"From the rising of the sun to the place where it sets, the name of the Lord is to be praised." Psalm 113:3

Thursday, May 19, 2011

Testing, Testing, 1, 2, 3

Yep, we did it. We have officially finished our testing for this year. Second grade and fifth grade are over.

This is the first year we have tested. Not so unusual, figuring it is only our second year homeschooling (and Firefly's first).

I'm not sure I'm going to do it again.

In our state, you have the option of using an umbrella school, standardized testing, or doing a portfolio. This year my intention was doing a portfolio of our year. As a matter of fact, I am still working on the portfolios / scrapbooks / reading lists. But for some reason, I got an itch to test as well.

As a second-year homeschooler, I am much, much, much more confident than I was when we started on this journey. I am calmer (well, a little). We have our stuff together more (theoretically).

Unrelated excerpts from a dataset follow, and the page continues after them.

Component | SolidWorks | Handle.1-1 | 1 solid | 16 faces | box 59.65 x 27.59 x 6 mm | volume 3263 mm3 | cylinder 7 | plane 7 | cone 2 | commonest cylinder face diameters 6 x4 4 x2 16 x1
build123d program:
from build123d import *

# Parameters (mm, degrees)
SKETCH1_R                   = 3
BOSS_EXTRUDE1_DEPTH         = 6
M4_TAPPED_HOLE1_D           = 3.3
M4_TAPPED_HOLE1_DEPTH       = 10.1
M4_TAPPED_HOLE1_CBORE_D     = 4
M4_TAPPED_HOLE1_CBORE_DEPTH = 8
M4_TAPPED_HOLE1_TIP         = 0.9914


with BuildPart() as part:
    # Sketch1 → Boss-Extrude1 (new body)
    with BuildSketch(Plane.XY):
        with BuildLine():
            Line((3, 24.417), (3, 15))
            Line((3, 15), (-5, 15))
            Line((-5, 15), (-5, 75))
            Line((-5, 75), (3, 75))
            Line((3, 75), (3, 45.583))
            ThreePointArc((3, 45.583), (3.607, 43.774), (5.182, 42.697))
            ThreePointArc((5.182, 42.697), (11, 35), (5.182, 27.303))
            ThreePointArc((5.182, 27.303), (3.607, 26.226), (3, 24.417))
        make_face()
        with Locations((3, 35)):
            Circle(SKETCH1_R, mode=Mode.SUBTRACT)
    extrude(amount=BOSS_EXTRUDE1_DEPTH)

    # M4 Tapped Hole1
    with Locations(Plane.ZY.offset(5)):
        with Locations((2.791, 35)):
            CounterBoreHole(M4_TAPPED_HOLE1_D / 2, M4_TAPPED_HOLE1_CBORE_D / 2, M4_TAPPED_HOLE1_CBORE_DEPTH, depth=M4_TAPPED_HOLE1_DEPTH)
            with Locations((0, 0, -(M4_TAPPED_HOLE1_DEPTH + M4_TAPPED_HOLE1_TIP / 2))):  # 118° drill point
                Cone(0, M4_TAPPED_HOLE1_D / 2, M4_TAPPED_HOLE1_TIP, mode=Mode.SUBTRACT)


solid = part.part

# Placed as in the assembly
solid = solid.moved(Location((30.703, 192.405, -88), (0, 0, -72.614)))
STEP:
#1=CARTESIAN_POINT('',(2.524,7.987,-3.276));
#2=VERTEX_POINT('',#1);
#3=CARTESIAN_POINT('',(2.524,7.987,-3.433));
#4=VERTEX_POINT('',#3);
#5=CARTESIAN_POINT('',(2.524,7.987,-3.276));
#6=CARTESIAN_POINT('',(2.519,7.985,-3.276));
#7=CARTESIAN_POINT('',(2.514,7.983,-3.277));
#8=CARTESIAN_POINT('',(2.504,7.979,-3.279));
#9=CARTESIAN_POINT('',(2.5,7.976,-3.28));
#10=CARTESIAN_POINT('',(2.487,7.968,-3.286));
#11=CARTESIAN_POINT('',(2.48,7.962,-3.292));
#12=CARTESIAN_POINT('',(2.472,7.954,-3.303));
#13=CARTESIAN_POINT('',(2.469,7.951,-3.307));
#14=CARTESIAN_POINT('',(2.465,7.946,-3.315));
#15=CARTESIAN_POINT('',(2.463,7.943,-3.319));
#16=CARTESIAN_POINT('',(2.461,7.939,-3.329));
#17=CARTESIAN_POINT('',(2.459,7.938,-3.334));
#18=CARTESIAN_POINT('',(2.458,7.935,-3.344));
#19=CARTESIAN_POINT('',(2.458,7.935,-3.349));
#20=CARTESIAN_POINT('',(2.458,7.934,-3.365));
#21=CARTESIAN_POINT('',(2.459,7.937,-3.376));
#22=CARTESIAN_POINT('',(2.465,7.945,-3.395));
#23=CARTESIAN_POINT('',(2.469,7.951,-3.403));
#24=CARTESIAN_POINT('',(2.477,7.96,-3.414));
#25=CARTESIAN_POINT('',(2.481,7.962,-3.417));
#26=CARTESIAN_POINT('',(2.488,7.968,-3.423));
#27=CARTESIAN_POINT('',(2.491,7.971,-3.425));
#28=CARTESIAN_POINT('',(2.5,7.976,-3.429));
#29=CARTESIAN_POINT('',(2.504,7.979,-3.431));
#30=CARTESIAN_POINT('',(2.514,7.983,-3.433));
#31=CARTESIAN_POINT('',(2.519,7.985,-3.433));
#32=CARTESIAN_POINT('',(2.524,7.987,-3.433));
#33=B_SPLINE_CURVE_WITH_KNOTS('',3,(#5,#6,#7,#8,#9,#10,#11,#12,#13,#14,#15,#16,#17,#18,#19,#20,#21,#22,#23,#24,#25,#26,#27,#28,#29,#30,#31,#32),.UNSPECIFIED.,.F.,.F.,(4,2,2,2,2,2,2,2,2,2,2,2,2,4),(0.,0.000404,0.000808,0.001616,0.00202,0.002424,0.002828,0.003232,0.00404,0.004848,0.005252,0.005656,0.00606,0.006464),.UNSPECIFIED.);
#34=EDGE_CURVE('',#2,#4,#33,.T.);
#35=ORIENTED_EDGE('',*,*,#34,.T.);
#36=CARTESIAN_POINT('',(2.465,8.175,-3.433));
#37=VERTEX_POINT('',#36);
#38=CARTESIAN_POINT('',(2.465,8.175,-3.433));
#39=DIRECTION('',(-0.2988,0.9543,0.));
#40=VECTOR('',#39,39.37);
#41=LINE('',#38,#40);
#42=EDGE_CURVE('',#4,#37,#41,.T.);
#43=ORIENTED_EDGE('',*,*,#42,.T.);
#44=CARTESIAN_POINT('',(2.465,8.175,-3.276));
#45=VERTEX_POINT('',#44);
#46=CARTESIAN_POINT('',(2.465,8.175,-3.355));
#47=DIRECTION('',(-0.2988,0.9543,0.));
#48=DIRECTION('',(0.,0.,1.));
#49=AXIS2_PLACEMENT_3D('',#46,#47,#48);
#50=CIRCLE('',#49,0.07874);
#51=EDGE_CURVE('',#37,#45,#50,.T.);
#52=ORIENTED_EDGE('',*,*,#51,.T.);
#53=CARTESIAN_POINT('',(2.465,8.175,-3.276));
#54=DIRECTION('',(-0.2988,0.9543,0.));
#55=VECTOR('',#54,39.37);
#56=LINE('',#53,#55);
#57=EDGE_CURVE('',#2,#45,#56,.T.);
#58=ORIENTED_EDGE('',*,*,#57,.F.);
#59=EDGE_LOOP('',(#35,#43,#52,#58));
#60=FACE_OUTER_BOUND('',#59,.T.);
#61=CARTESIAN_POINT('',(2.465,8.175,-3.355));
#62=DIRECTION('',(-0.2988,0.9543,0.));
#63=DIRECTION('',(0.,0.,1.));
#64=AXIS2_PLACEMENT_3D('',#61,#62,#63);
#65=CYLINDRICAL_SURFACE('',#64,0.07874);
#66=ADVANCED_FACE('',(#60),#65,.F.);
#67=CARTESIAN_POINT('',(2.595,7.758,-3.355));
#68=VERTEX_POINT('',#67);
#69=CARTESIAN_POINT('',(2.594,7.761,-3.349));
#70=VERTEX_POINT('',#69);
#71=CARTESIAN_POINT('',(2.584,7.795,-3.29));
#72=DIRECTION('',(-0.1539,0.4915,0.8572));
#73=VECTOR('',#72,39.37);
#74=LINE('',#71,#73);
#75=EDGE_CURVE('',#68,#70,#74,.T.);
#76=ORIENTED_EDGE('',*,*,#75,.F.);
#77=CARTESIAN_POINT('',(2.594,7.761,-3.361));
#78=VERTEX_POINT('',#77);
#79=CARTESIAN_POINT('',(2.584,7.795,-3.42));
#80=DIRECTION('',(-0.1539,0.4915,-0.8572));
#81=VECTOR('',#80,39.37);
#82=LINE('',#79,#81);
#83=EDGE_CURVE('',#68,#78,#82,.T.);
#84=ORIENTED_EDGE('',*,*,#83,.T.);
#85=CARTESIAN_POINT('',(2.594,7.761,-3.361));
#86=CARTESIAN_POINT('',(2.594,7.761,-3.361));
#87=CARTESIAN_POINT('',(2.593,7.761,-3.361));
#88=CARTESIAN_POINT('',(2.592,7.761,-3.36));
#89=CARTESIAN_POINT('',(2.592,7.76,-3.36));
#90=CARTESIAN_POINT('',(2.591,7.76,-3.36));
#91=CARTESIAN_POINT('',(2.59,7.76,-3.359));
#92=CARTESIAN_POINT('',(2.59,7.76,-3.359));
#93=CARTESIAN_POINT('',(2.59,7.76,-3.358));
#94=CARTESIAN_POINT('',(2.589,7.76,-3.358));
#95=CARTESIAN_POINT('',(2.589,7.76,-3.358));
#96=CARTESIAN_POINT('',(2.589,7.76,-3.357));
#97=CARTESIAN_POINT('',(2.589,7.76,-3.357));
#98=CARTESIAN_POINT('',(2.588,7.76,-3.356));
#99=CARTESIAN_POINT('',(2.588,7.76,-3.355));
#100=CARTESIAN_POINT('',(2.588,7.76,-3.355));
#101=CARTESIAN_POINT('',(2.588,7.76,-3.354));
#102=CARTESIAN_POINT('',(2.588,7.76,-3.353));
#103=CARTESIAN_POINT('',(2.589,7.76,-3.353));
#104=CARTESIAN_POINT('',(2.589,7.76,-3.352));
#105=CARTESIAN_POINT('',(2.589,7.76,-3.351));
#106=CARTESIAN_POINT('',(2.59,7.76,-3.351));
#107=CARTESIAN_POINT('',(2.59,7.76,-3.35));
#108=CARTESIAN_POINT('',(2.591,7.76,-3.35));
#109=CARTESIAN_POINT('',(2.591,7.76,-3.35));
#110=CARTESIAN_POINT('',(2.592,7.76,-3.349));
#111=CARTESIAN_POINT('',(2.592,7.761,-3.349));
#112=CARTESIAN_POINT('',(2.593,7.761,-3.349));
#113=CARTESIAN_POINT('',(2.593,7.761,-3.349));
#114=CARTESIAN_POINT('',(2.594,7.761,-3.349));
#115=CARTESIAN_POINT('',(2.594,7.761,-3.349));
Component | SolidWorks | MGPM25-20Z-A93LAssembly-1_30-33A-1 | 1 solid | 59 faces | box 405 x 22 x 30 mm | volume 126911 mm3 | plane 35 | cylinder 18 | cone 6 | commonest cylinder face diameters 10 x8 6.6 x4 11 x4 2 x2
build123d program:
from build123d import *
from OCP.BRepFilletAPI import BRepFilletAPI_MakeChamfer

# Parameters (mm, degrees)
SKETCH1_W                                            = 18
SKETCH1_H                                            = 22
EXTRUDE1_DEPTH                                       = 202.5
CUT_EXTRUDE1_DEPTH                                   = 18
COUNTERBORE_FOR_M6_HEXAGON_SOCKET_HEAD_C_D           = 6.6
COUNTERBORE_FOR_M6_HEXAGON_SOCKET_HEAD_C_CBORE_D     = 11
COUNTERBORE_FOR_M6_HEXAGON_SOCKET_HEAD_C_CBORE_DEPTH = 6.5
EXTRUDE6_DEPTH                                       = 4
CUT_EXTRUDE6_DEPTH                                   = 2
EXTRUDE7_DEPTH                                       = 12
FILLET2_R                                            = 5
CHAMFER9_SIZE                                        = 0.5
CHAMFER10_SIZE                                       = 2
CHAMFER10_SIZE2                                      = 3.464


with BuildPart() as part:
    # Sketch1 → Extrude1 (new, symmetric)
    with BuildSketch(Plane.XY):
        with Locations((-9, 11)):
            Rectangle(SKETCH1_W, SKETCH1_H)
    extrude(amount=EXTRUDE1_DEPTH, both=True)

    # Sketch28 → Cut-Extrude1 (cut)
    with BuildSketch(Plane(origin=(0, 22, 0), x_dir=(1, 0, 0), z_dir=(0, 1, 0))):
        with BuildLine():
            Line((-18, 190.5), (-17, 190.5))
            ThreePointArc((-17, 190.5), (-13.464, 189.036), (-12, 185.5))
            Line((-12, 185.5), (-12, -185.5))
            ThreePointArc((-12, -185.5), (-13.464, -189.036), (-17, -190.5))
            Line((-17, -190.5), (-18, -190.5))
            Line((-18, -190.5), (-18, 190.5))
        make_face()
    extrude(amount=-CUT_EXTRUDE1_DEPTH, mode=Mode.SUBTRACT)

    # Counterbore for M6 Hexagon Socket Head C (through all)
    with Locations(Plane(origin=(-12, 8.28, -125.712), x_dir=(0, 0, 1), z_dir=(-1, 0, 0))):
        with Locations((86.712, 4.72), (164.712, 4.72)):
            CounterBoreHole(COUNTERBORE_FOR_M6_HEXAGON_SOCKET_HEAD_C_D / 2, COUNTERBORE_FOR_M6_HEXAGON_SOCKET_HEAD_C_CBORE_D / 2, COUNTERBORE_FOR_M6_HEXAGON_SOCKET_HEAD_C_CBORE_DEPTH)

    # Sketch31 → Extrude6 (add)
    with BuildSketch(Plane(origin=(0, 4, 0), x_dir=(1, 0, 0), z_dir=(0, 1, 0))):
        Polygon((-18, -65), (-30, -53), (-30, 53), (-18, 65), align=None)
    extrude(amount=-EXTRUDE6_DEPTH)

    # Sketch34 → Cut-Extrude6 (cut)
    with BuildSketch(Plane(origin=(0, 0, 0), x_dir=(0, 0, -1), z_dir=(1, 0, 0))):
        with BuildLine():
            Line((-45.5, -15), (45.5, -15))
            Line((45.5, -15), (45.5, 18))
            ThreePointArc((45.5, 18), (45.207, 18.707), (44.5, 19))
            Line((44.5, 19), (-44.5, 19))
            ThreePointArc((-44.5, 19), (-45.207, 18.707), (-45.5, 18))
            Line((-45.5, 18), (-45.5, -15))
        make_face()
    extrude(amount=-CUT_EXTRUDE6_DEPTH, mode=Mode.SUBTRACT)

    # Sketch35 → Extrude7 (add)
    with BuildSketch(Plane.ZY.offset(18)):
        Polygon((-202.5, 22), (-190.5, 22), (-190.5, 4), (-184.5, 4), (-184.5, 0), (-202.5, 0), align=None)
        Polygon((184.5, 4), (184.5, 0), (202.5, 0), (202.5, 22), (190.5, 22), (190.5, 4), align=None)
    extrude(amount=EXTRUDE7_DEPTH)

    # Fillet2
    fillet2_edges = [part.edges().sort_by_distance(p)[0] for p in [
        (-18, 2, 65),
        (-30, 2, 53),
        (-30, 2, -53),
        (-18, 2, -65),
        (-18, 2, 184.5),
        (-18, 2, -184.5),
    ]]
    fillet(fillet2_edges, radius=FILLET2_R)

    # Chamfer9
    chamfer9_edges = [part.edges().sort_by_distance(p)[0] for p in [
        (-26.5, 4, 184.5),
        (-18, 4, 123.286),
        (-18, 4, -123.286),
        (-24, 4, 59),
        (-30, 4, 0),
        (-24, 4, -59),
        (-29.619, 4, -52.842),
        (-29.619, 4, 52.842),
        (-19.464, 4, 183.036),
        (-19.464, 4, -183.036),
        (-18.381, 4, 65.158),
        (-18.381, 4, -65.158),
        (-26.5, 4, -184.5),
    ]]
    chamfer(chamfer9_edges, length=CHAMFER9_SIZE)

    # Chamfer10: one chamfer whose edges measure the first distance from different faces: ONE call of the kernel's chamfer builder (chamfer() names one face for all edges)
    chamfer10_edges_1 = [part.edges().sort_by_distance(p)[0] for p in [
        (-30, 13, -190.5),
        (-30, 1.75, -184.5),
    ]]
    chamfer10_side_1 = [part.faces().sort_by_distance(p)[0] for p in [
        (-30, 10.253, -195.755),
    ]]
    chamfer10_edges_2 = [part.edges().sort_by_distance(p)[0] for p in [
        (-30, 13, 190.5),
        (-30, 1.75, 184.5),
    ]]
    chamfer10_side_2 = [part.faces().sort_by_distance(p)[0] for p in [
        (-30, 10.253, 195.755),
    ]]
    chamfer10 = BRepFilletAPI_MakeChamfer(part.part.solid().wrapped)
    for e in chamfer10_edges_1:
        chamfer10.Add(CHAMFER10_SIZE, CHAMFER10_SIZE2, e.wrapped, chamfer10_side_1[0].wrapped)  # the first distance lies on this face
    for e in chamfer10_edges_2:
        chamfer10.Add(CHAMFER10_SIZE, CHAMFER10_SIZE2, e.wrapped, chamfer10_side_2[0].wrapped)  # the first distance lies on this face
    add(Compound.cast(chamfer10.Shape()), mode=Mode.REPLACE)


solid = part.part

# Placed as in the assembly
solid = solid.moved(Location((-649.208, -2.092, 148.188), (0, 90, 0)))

So why did I feel that pull? Why did I feel like I needed to "make sure"? What if? Do I have something to prove? And to who?

So we tested. And as much as I tried to make it "fun", a "you can show what you know" moment, we still ended up with two stressed-out little girls, a worn out Mommy, and a four year-old who missed us since he was in the nursery all day.

I'm pretty sure I knew better.

And now I'm asking myself question after question after question. Who was this for? Was it so that the girls could have practice with testing? Was it so I could "show off"? Was it to punish myself when I see Firefly's math scores come in? I'm not sure why we really did it. I think I need to have some quiet time alone and with God to really look at the reasons.

Will we do it again? I think I may have a better answer in four to six weeks. (Nothing like waiting for the results first ; )

What about you? What are your reasons for testing or for not testing? I'd love to hear your input as I wrestle with the decision that we made.


  1. I don't homeschool. I've thought about it before and actually started researching when my son was only 2 or 3. I think in our state, the state has to approve your curriculum and the kids have to do testing. I don't think you have a choice. But, I could be wrong. Congrats on finishing year #2!!! Thanks for linking up with us again at the S&R weekend hop! Hope to see you next week again. BTW, if you have any quick & easy recipes, I have a weekly linky up now. Have a blessed week!

  2. nothing like a little test to see where weak points are :D!!

    new follower via the blog hop nice to meet you!!

  3. I think you're actually in a position where ideas that are normally executed badly (like near-constant testing in public schools) can show their use. When forms of assessment are applied correctly, they can reveal deficiencies (in teaching, learning, or both) in a useful way. (Is your student bad at second grade math, or simply misunderstanding borrowing in two-digit subtraction problems?, for example.)
    Public schools are doomed to waste all the good elements of standardized assessment by over-(over over over)testing and basically ignoring the results at the classroom level. They decry "teaching to the test" while ignoring the information about our teaching and our students' learning that tests offer.
    When I taught public school, I was constantly annoyed by the time standardized tests wasted, but I made sure to limit that waste by making use of the data. I didn't teach to the test, but I did teach through it, making sure that the skills in the exam were the minimum my students gained.
    I wouldn't avoid the test if I homeschooled. Let me know if you want to talk data when the results arrive.